I will say the T7I & 77D are quite a substantial upgrade.  Each year Canon releases a newer Rebel body with is an incremental improvement over the prior year's body.  This year, however, they changed more than I've seen them change in quite a long time.  The sensor is new and significantly improved.  The focus system is new and basically is the first of the Rebels to get the focus system that works much more like the mid-range and high-end bodies.   

On a budget... the Rebel SL2 is probably one of the better bargains because it got the same sensor and capabilities as the T7i & 77D... but it doesn't have the same focus system.

And of course if you're not on a budget... there are loads more options.


----------



## sniper x (Jul 30, 2018)

Try this simple test. Look thru the menu, look to see if someone changed it to back button focus. I did this on my T1i and all my DSLR's and a lot of owners do.
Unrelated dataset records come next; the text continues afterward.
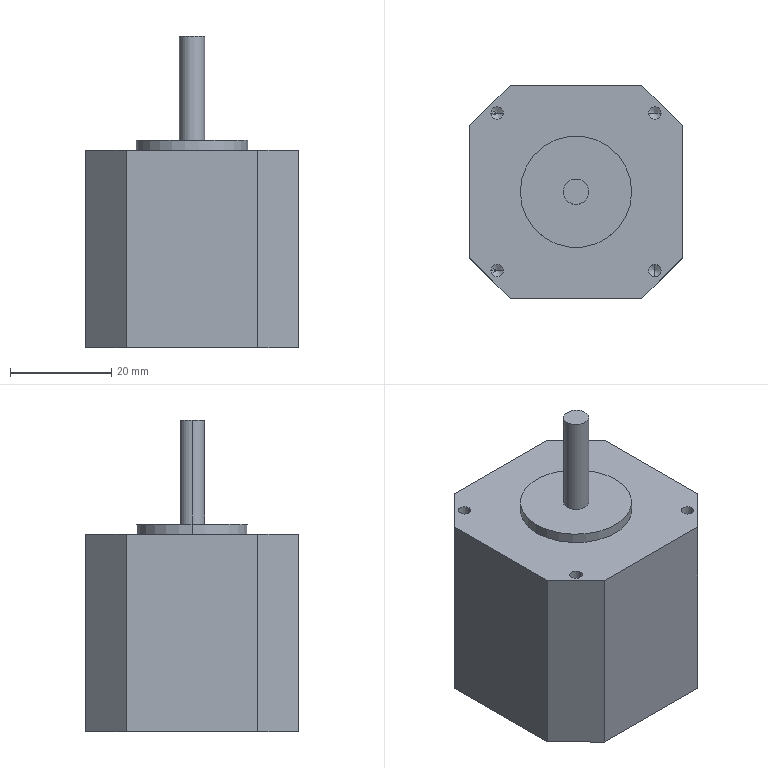Component | SolidWorks | 42StepperMotor-1 | 1 solid | 34 faces | box 42 x 42 x 61.5 mm | volume 64790 mm3 | cylinder 13 | plane 13 | cone 8 | commonest cylinder face diameters 2.5 x8 5 x3 22 x2
STEP:
#1=COLOUR_RGB('',0.7922,0.8196,0.9333);
#2=FILL_AREA_STYLE_COLOUR('',#1);
#3=FILL_AREA_STYLE('',(#2));
#4=SURFACE_STYLE_FILL_AREA(#3);
#5=SURFACE_SIDE_STYLE('',(#4));
#6=SURFACE_STYLE_USAGE(.BOTH.,#5);
#7=PRESENTATION_STYLE_ASSIGNMENT((#6));
#8=CARTESIAN_POINT('',(-0.4331,0.,0.07874));
#9=VERTEX_POINT('',#8);
#10=CARTESIAN_POINT('',(0.4331,0.,0.07874));
#11=VERTEX_POINT('',#10);
#12=CARTESIAN_POINT('',(-0.,0.,0.07874));
#13=DIRECTION('',(0.,0.,-1.));
#14=DIRECTION('',(-1.,0.,0.));
#15=AXIS2_PLACEMENT_3D('',#12,#13,#14);
#16=CIRCLE('',#15,0.4331);
#17=EDGE_CURVE('',#9,#11,#16,.T.);
#18=ORIENTED_EDGE('',*,*,#17,.T.);
#19=CARTESIAN_POINT('',(0.4331,0.,0.));
#20=VERTEX_POINT('',#19);
#21=CARTESIAN_POINT('',(0.4331,0.,0.07874));
#22=DIRECTION('',(0.,0.,-1.));
#23=VECTOR('',#22,39.37);
#24=LINE('',#21,#23);
#25=EDGE_CURVE('',#11,#20,#24,.T.);
#26=ORIENTED_EDGE('',*,*,#25,.T.);
#27=CARTESIAN_POINT('',(-0.4331,0.,0.));
#28=VERTEX_POINT('',#27);
#29=CARTESIAN_POINT('',(-0.,0.,0.));
#30=DIRECTION('',(0.,0.,1.));
#31=DIRECTION('',(-1.,0.,0.));
#32=AXIS2_PLACEMENT_3D('',#29,#30,#31);
#33=CIRCLE('',#32,0.4331);
#34=EDGE_CURVE('',#20,#28,#33,.T.);
#35=ORIENTED_EDGE('',*,*,#34,.T.);
#36=CARTESIAN_POINT('',(-0.4331,0.,0.07874));
#37=DIRECTION('',(0.,0.,-1.));
#38=VECTOR('',#37,39.37);
#39=LINE('',#36,#38);
#40=EDGE_CURVE('',#9,#28,#39,.T.);
#41=ORIENTED_EDGE('',*,*,#40,.F.);
#42=EDGE_LOOP('',(#18,#26,#35,#41));
#43=FACE_OUTER_BOUND('',#42,.T.);
#44=CARTESIAN_POINT('',(-0.,0.,0.07874));
#45=DIRECTION('',(0.,0.,-1.));
#46=DIRECTION('',(-1.,0.,0.));
#47=AXIS2_PLACEMENT_3D('',#44,#45,#46);
#48=CYLINDRICAL_SURFACE('',#47,0.4331);
#49=ADVANCED_FACE('',(#43),#48,.T.);
#50=CARTESIAN_POINT('',(-0.6617,0.6125,-0.3346));
#51=VERTEX_POINT('',#50);
#52=CARTESIAN_POINT('',(-0.5632,0.6125,-0.3346));
#53=VERTEX_POINT('',#52);
#54=CARTESIAN_POINT('',(-0.6125,0.6125,-0.3346));
#55=DIRECTION('',(0.,0.,1.));
#56=DIRECTION('',(1.,0.,0.));
#57=AXIS2_PLACEMENT_3D('',#54,#55,#56);
#58=CIRCLE('',#57,0.04921);
#59=EDGE_CURVE('',#51,#53,#58,.T.);
#60=ORIENTED_EDGE('',*,*,#59,.F.);
#61=CARTESIAN_POINT('',(-0.6617,0.6125,0.));
#62=VERTEX_POINT('',#61);
#63=CARTESIAN_POINT('',(-0.6617,0.6125,0.));
#64=DIRECTION('',(0.,0.,1.));
#65=VECTOR('',#64,39.37);
#66=LINE('',#63,#65);
#67=EDGE_CURVE('',#51,#62,#66,.T.);
#68=ORIENTED_EDGE('',*,*,#67,.T.);
#69=CARTESIAN_POINT('',(-0.5632,0.6125,0.));
#70=VERTEX_POINT('',#69);
#71=CARTESIAN_POINT('',(-0.6125,0.6125,0.));
#72=DIRECTION('',(0.,0.,1.));
#73=DIRECTION('',(1.,0.,0.));
#74=AXIS2_PLACEMENT_3D('',#71,#72,#73);
#75=CIRCLE('',#74,0.04921);
#76=EDGE_CURVE('',#62,#70,#75,.T.);
#77=ORIENTED_EDGE('',*,*,#76,.T.);
#78=CARTESIAN_POINT('',(-0.5632,0.6125,0.));
#79=DIRECTION('',(0.,0.,1.));
#80=VECTOR('',#79,39.37);
#81=LINE('',#78,#80);
#82=EDGE_CURVE('',#53,#70,#81,.T.);
#83=ORIENTED_EDGE('',*,*,#82,.F.);
#84=EDGE_LOOP('',(#60,#68,#77,#83));
#85=FACE_OUTER_BOUND('',#84,.T.);
#86=CARTESIAN_POINT('',(-0.6125,0.6125,0.));
#87=DIRECTION('',(0.,0.,1.));
#88=DIRECTION('',(1.,0.,0.));
#89=AXIS2_PLACEMENT_3D('',#86,#87,#88);
#90=CYLINDRICAL_SURFACE('',#89,0.04921);
#91=ADVANCED_FACE('',(#85),#90,.F.);
#92=CARTESIAN_POINT('',(0.5632,0.6125,-0.3346));
#93=VERTEX_POINT('',#92);
#94=CARTESIAN_POINT('',(0.6617,0.6125,-0.3346));
#95=VERTEX_POINT('',#94);
#96=CARTESIAN_POINT('',(0.6125,0.6125,-0.3346));
#97=DIRECTION('',(0.,0.,1.));
#98=DIRECTION('',(1.,0.,0.));
#99=AXIS2_PLACEMENT_3D('',#96,#97,#98);
#100=CIRCLE('',#99,0.04921);
#101=EDGE_CURVE('',#93,#95,#100,.T.);
#102=ORIENTED_EDGE('',*,*,#101,.F.);
#103=CARTESIAN_POINT('',(0.5632,0.6125,0.));
#104=VERTEX_POINT('',#103);
#105=CARTESIAN_POINT('',(0.5632,0.6125,0.));
#106=DIRECTION('',(0.,0.,1.));
#107=VECTOR('',#106,39.37);
#108=LINE('',#105,#107);
#109=EDGE_CURVE('',#93,#104,#108,.T.);
#110=ORIENTED_EDGE('',*,*,#109,.T.);
#111=CARTESIAN_POINT('',(0.6617,0.6125,0.));
#112=VERTEX_POINT('',#111);
#113=CARTESIAN_POINT('',(0.6125,0.6125,0.));
#114=DIRECTION('',(0.,0.,1.));
#115=DIRECTION('',(1.,0.,0.));
#116=AXIS2_PLACEMENT_3D('',#113,#114,#115);
#117=CIRCLE('',#116,0.04921);
#118=EDGE_CURVE('',#104,#112,#117,.T.);
#119=ORIENTED_EDGE('',*,*,#118,.T.);
#120=CARTESIAN_POINT('',(0.6617,0.6125,0.));
#121=DIRECTION('',(0.,0.,1.));
#122=VECTOR('',#121,39.37);
#123=LINE('',#120,#122);
#124=EDGE_CURVE('',#95,#112,#123,.T.);
#125=ORIENTED_EDGE('',*,*,#124,.F.);
#126=EDGE_LOOP('',(#102,#110,#119,#125));
#127=FACE_OUTER_BOUND('',#126,.T.);
#128=CARTESIAN_POINT('',(0.6125,0.6125,0.));
#129=DIRECTION('',(0.,0.,1.));
#130=DIRECTION('',(1.,0.,0.));
#131=AXIS2_PLACEMENT_3D('',#128,#129,#130);
#132=CYLINDRICAL_SURFACE('',#131,0.04921);
#133=ADVANCED_FACE('',(#127),#132,.F.);
#134=CARTESIAN_POINT('',(0.5632,-0.6125,-0.3346));
#135=VERTEX_POINT('',#134);
#136=CARTESIAN_POINT('',(0.6125,-0.6617,-0.3346));
#137=VERTEX_POINT('',#136);
#138=CARTESIAN_POINT('',(0.6125,-0.6125,-0.3346));
#139=DIRECTION('',(0.,0.,1.));
#140=DIRECTION('',(1.,0.,0.));
#141=AXIS2_PLACEMENT_3D('',#138,#139,#140);
#142=CIRCLE('',#141,0.04921);
#143=EDGE_CURVE('',#135,#137,#142,.T.);
#144=ORIENTED_EDGE('',*,*,#143,.F.);
#145=CARTESIAN_POINT('',(0.5632,-0.6125,0.));
#146=VERTEX_POINT('',#145);
#147=CARTESIAN_POINT('',(0.5632,-0.6125,0.));
#148=DIRECTION('',(0.,0.,1.));
#149=VECTOR('',#148,39.37);
#150=LINE('',#147,#149);
#151=EDGE_CURVE('',#135,#146,#150,.T.);
#152=ORIENTED_EDGE('',*,*,#151,.T.);
#153=CARTESIAN_POINT('',(0.6617,-0.6125,0.));
#154=VERTEX_POINT('',#153);
#155=CARTESIAN_POINT('',(0.6125,-0.6125,0.));
#156=DIRECTION('',(0.,0.,1.));
#157=DIRECTION('',(1.,0.,0.));
#158=AXIS2_PLACEMENT_3D('',#155,#156,#157);
#159=CIRCLE('',#158,0.04921);
#160=EDGE_CURVE('',#146,#154,#159,.T.);
#161=ORIENTED_EDGE('',*,*,#160,.T.);
#162=CARTESIAN_POINT('',(0.6617,-0.6125,-0.3346));
#163=VERTEX_POINT('',#162);
#164=CARTESIAN_POINT('',(0.6617,-0.6125,0.));
#165=DIRECTION('',(0.,0.,1.));
#166=VECTOR('',#165,39.37);
#167=LINE('',#164,#166);
#168=EDGE_CURVE('',#163,#154,#167,.T.);
#169=ORIENTED_EDGE('',*,*,#168,.F.);
#170=CARTESIAN_POINT('',(0.6125,-0.6125,-0.3346));
#171=DIRECTION('',(0.,0.,1.));
#172=DIRECTION('',(1.,0.,0.));
#173=AXIS2_PLACEMENT_3D('',#170,#171,#172);
#174=CIRCLE('',#173,0.04921);
#175=EDGE_CURVE('',#137,#163,#174,.T.);
#176=ORIENTED_EDGE('',*,*,#175,.F.);
#177=EDGE_LOOP('',(#144,#152,#161,#169,#176));
#178=FACE_OUTER_BOUND('',#177,.T.);
#179=CARTESIAN_POINT('',(0.6125,-0.6125,0.));
#180=DIRECTION('',(0.,0.,1.));
#181=DIRECTION('',(1.,0.,0.));
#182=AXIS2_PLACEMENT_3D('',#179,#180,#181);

here is how to set the T1i to BBF. but it is also a way to check to see if someone did it already thereby disallowing your shutter release from making the focus work. 

If you've got a EOS Rebel (T1i, T2i, T3i, T4i, T5i), the menu you're looking for is under the third wrench icon, under Custom Functions.

The function you'd like to change is:

C.FnIV: Operation/Others [9]
Shutter/AE Lock Button

Change the setting to 3: AE/AF, no AE lock.

Voila.


----------